At this point, you have configured Alertmanager to send notifications for alerts to your e-mail address. Your configuration file should look like:

Alertmanager config file - /etc/alertmanager/alertmanager.yml
global:
  smtp_smarthost: 'localhost:25'
  smtp_from: 'alertmanager@example.com'
  smtp_require_tls: false

route:
  group_by: ['instance', 'severity']
  group_wait: 30s
  group_interval: 5m
  repeat_interval: 3h
  receiver: team-1

receivers:
  - name: 'team-1'
    email_configs:
      - to: 'your-email-address'

In the next step, we'll configure Alertmanager to send alerts to your Slack channel. If you don't want to configure Slack, you can skip straight to step 10 where we'll create the service file and configure Prometheus to work with Alertmanager.

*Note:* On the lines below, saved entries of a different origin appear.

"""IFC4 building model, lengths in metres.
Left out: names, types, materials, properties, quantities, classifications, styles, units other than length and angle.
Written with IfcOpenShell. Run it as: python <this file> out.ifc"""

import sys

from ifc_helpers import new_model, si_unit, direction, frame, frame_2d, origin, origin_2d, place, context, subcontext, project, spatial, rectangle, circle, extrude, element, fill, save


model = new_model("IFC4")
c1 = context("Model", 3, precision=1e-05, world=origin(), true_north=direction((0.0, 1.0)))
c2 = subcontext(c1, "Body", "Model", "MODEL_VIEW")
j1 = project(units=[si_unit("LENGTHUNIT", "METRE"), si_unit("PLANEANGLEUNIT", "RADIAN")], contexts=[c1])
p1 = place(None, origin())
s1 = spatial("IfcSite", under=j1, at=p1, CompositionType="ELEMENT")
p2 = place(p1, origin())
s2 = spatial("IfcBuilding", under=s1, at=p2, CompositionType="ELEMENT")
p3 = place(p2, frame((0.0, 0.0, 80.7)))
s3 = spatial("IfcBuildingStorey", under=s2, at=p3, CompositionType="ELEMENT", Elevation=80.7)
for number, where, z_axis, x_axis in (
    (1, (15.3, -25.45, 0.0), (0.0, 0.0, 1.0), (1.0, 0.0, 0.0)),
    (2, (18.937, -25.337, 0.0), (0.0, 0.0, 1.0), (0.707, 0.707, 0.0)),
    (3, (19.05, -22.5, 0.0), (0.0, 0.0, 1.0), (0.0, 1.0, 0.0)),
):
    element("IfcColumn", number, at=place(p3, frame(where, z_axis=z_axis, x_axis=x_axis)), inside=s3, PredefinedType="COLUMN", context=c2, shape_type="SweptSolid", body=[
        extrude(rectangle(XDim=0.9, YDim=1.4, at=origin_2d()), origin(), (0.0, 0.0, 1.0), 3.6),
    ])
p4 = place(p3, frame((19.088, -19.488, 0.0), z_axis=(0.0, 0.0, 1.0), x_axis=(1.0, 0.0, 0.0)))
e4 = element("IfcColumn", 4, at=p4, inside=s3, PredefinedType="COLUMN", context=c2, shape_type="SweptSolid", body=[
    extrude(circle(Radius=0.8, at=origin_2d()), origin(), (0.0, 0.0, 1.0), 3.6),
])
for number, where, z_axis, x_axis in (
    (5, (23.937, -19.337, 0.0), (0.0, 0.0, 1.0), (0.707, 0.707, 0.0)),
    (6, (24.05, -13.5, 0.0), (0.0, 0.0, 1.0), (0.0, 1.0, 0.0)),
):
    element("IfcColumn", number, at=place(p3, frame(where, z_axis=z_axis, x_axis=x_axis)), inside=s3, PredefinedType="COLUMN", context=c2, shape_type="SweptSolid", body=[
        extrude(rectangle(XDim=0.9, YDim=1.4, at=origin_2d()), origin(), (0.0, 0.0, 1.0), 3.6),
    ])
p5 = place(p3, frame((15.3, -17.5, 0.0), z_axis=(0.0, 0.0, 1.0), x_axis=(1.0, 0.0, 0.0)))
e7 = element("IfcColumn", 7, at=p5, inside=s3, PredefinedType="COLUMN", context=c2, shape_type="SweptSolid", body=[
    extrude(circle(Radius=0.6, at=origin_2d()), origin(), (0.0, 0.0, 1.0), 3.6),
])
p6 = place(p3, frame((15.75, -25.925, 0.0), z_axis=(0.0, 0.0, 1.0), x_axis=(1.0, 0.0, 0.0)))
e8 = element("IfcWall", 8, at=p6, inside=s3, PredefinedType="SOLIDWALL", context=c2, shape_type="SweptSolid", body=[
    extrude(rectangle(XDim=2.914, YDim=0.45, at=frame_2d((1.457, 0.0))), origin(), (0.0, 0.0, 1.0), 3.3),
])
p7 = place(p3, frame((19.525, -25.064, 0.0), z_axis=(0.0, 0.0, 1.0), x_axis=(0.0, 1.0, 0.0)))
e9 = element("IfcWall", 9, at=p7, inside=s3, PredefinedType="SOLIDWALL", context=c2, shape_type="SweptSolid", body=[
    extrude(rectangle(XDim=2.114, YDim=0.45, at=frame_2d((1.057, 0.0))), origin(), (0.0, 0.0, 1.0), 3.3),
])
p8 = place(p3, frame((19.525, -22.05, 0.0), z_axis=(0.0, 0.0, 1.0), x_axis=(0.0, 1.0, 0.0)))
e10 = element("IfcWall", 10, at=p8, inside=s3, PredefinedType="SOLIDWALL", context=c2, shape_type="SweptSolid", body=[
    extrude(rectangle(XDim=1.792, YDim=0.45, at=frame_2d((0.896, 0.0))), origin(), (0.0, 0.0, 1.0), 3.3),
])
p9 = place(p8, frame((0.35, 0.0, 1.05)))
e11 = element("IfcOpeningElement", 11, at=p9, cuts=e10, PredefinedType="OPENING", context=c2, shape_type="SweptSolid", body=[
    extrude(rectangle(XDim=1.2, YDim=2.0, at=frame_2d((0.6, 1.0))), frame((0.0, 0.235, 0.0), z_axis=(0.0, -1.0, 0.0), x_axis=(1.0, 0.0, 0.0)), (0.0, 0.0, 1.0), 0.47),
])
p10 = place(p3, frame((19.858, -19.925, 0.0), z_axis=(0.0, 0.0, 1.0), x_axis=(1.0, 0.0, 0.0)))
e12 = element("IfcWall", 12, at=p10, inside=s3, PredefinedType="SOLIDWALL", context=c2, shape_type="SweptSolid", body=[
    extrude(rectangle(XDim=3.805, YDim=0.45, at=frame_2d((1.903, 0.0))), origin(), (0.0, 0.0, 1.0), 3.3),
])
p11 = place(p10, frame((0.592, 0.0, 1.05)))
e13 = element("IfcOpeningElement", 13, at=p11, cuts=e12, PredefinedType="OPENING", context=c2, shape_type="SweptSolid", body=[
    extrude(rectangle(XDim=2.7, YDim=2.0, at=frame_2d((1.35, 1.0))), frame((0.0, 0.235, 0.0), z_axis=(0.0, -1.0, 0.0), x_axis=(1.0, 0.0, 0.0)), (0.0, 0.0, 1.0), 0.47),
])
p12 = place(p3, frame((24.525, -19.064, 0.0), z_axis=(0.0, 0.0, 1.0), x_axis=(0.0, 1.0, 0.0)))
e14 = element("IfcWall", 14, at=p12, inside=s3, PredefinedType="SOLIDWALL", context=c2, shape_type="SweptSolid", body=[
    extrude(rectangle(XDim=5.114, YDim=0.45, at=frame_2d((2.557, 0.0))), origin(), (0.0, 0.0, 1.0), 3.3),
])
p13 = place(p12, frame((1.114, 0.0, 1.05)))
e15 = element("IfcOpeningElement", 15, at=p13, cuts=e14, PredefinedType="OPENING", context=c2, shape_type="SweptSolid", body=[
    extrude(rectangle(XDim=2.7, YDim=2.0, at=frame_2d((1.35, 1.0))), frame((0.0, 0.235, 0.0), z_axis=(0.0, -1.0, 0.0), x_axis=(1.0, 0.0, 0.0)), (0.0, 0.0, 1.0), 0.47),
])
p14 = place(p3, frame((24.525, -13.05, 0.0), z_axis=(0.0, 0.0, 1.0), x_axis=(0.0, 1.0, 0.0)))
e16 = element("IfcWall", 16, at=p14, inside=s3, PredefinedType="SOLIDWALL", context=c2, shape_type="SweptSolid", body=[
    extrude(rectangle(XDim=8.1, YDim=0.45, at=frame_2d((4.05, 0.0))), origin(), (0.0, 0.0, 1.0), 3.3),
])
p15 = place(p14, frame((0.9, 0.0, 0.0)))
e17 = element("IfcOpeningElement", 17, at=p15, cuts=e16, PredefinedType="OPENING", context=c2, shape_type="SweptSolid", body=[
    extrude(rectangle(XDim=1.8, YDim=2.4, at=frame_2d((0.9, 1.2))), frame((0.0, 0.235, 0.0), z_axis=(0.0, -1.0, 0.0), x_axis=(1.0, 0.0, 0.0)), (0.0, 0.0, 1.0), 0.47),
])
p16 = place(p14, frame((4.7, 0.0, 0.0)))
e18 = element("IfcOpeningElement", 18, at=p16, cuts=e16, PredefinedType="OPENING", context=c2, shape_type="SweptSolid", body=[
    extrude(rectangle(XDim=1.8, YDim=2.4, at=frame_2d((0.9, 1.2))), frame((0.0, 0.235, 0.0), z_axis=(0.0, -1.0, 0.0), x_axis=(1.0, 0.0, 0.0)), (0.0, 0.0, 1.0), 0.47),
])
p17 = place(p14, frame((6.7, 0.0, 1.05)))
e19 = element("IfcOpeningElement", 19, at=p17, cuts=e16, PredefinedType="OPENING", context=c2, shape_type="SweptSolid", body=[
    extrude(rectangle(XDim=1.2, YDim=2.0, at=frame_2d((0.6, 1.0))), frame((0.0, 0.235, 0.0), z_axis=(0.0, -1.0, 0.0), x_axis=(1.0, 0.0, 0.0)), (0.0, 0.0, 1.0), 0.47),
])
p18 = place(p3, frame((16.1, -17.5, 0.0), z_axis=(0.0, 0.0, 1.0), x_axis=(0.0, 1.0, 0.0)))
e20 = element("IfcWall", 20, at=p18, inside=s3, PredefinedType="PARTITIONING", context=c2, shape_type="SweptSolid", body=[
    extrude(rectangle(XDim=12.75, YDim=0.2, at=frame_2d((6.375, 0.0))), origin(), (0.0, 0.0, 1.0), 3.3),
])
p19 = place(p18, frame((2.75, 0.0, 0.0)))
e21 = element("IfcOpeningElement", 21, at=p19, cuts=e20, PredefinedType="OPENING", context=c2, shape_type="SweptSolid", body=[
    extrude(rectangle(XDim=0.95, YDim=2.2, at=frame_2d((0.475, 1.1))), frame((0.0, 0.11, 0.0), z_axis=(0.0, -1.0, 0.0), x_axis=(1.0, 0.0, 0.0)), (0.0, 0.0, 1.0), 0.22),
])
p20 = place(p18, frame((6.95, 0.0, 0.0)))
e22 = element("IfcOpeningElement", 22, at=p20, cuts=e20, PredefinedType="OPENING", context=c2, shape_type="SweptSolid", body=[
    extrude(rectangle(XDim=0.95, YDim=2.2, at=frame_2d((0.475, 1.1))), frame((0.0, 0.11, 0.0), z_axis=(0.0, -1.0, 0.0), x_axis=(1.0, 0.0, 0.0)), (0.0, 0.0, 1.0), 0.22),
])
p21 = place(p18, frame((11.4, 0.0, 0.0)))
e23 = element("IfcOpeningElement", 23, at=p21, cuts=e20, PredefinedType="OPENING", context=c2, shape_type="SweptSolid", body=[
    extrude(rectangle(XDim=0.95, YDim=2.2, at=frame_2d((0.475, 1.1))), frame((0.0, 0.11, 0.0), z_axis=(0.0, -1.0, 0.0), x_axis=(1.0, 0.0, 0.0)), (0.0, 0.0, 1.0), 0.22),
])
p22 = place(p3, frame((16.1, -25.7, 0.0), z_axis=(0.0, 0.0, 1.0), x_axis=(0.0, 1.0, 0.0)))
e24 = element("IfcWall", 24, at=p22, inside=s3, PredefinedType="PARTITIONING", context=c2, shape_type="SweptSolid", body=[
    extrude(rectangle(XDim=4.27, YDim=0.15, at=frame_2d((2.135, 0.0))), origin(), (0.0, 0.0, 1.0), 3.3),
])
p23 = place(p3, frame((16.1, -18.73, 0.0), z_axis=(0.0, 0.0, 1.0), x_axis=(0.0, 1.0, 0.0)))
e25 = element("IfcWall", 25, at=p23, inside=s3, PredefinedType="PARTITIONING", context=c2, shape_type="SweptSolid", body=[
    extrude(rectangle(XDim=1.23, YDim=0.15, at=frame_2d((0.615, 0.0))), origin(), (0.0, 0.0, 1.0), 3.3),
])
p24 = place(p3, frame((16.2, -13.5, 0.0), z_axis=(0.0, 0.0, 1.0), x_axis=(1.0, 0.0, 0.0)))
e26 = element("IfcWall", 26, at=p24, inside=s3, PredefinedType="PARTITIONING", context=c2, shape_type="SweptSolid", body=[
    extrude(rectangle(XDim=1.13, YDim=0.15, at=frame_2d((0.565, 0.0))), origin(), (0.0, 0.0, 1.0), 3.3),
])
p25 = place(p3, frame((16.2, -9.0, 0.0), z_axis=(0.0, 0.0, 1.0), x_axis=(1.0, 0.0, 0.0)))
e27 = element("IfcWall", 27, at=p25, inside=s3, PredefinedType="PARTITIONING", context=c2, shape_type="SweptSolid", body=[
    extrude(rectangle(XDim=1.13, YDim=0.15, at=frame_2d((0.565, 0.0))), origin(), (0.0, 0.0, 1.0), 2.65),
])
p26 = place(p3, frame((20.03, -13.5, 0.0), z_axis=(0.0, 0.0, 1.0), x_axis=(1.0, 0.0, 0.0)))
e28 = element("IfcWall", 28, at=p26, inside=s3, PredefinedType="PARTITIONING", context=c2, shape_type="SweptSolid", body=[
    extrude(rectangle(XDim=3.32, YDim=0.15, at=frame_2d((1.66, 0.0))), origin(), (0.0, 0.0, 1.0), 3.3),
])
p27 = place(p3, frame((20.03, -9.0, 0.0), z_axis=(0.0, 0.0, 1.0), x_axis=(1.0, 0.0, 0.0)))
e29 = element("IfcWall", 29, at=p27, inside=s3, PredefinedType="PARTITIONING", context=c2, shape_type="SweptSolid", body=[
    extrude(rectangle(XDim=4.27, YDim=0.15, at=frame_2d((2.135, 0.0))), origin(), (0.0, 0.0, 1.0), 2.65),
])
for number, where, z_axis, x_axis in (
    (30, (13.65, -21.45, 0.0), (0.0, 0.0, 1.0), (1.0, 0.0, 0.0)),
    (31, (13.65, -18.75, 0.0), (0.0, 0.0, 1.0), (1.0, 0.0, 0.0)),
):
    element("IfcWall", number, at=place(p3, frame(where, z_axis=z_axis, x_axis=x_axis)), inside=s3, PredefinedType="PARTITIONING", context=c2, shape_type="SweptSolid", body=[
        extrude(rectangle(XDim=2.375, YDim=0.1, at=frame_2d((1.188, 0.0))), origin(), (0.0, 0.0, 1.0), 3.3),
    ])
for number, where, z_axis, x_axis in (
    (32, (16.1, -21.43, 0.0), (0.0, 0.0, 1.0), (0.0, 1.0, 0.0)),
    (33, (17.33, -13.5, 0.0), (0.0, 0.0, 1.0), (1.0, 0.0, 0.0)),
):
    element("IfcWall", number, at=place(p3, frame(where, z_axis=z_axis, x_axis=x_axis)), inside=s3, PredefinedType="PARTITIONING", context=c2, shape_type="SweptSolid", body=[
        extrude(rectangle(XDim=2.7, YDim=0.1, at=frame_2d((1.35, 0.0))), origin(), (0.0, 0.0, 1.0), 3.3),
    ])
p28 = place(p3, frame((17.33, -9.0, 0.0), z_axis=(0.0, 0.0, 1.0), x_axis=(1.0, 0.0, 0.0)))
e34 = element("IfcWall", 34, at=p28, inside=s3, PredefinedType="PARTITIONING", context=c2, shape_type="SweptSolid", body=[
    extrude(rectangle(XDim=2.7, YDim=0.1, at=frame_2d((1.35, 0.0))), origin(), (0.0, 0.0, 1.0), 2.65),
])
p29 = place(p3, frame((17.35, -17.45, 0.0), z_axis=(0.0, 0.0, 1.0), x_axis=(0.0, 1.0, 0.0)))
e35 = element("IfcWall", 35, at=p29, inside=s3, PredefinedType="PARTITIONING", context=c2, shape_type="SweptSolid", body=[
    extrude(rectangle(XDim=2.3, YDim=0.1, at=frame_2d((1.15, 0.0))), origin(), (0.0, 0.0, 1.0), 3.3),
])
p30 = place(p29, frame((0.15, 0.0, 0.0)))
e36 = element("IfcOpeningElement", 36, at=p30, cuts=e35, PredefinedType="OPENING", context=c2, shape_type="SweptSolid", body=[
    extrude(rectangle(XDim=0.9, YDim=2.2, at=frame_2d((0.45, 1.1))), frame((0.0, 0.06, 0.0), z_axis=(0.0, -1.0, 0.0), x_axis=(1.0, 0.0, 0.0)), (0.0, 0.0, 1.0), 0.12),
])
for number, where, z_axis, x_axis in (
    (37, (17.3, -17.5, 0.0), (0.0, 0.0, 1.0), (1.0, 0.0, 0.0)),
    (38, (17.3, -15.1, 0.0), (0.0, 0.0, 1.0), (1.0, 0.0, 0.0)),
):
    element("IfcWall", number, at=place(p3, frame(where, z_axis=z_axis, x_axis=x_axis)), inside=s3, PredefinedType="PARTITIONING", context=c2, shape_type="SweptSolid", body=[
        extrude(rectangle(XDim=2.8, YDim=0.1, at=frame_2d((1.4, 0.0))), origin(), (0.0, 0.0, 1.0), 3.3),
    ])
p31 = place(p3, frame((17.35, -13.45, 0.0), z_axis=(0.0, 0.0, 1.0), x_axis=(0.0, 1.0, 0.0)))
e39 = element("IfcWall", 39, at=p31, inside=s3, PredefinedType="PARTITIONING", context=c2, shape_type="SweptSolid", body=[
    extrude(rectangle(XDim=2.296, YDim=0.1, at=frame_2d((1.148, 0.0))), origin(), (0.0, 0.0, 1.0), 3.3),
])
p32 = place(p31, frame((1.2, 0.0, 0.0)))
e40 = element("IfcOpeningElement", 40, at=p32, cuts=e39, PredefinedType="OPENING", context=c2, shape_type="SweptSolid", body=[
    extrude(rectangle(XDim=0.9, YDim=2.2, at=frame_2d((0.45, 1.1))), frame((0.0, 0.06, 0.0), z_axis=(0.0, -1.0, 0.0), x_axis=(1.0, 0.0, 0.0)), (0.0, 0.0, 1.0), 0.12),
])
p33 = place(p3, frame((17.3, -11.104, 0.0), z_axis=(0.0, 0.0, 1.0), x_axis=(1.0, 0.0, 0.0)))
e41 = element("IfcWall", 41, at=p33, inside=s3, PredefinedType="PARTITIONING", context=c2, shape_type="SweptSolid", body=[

Step 8 — Configuring Alertmanager To Send Alerts Over Slack

Before proceeding with this step, make sure you have created an Slack account and that you have a Slack workspace available.

To send alerts to Slack, first create an Incoming Webhook.

Point your browser to the Incoming Webhook creation page available at https://workspace-name.slack.com/services/new/incoming-webhook/. You'll get the page containing details about Incoming Webhooks as well as a dropdown from which you need to choose the channel where you want to send alerts.

Slack Incoming Webhook

Once you choose the channel, click on the Add Incoming WebHooks integration button.

You'll see a new page confirming that the webhook was created successfully. Copy the Webhook URL displayed on this page, as you'll use it to configure Alertmanager's Slack notifications.

Open the Alertmanager configuration file in your editor to configure Slack notifications:

  • sudo nano /etc/alertmanager/alertmanager.yml

First, add the slack_api_url sub-directive to the global part of your configuration, using the URL you got when you created the Slack Incoming Webhook.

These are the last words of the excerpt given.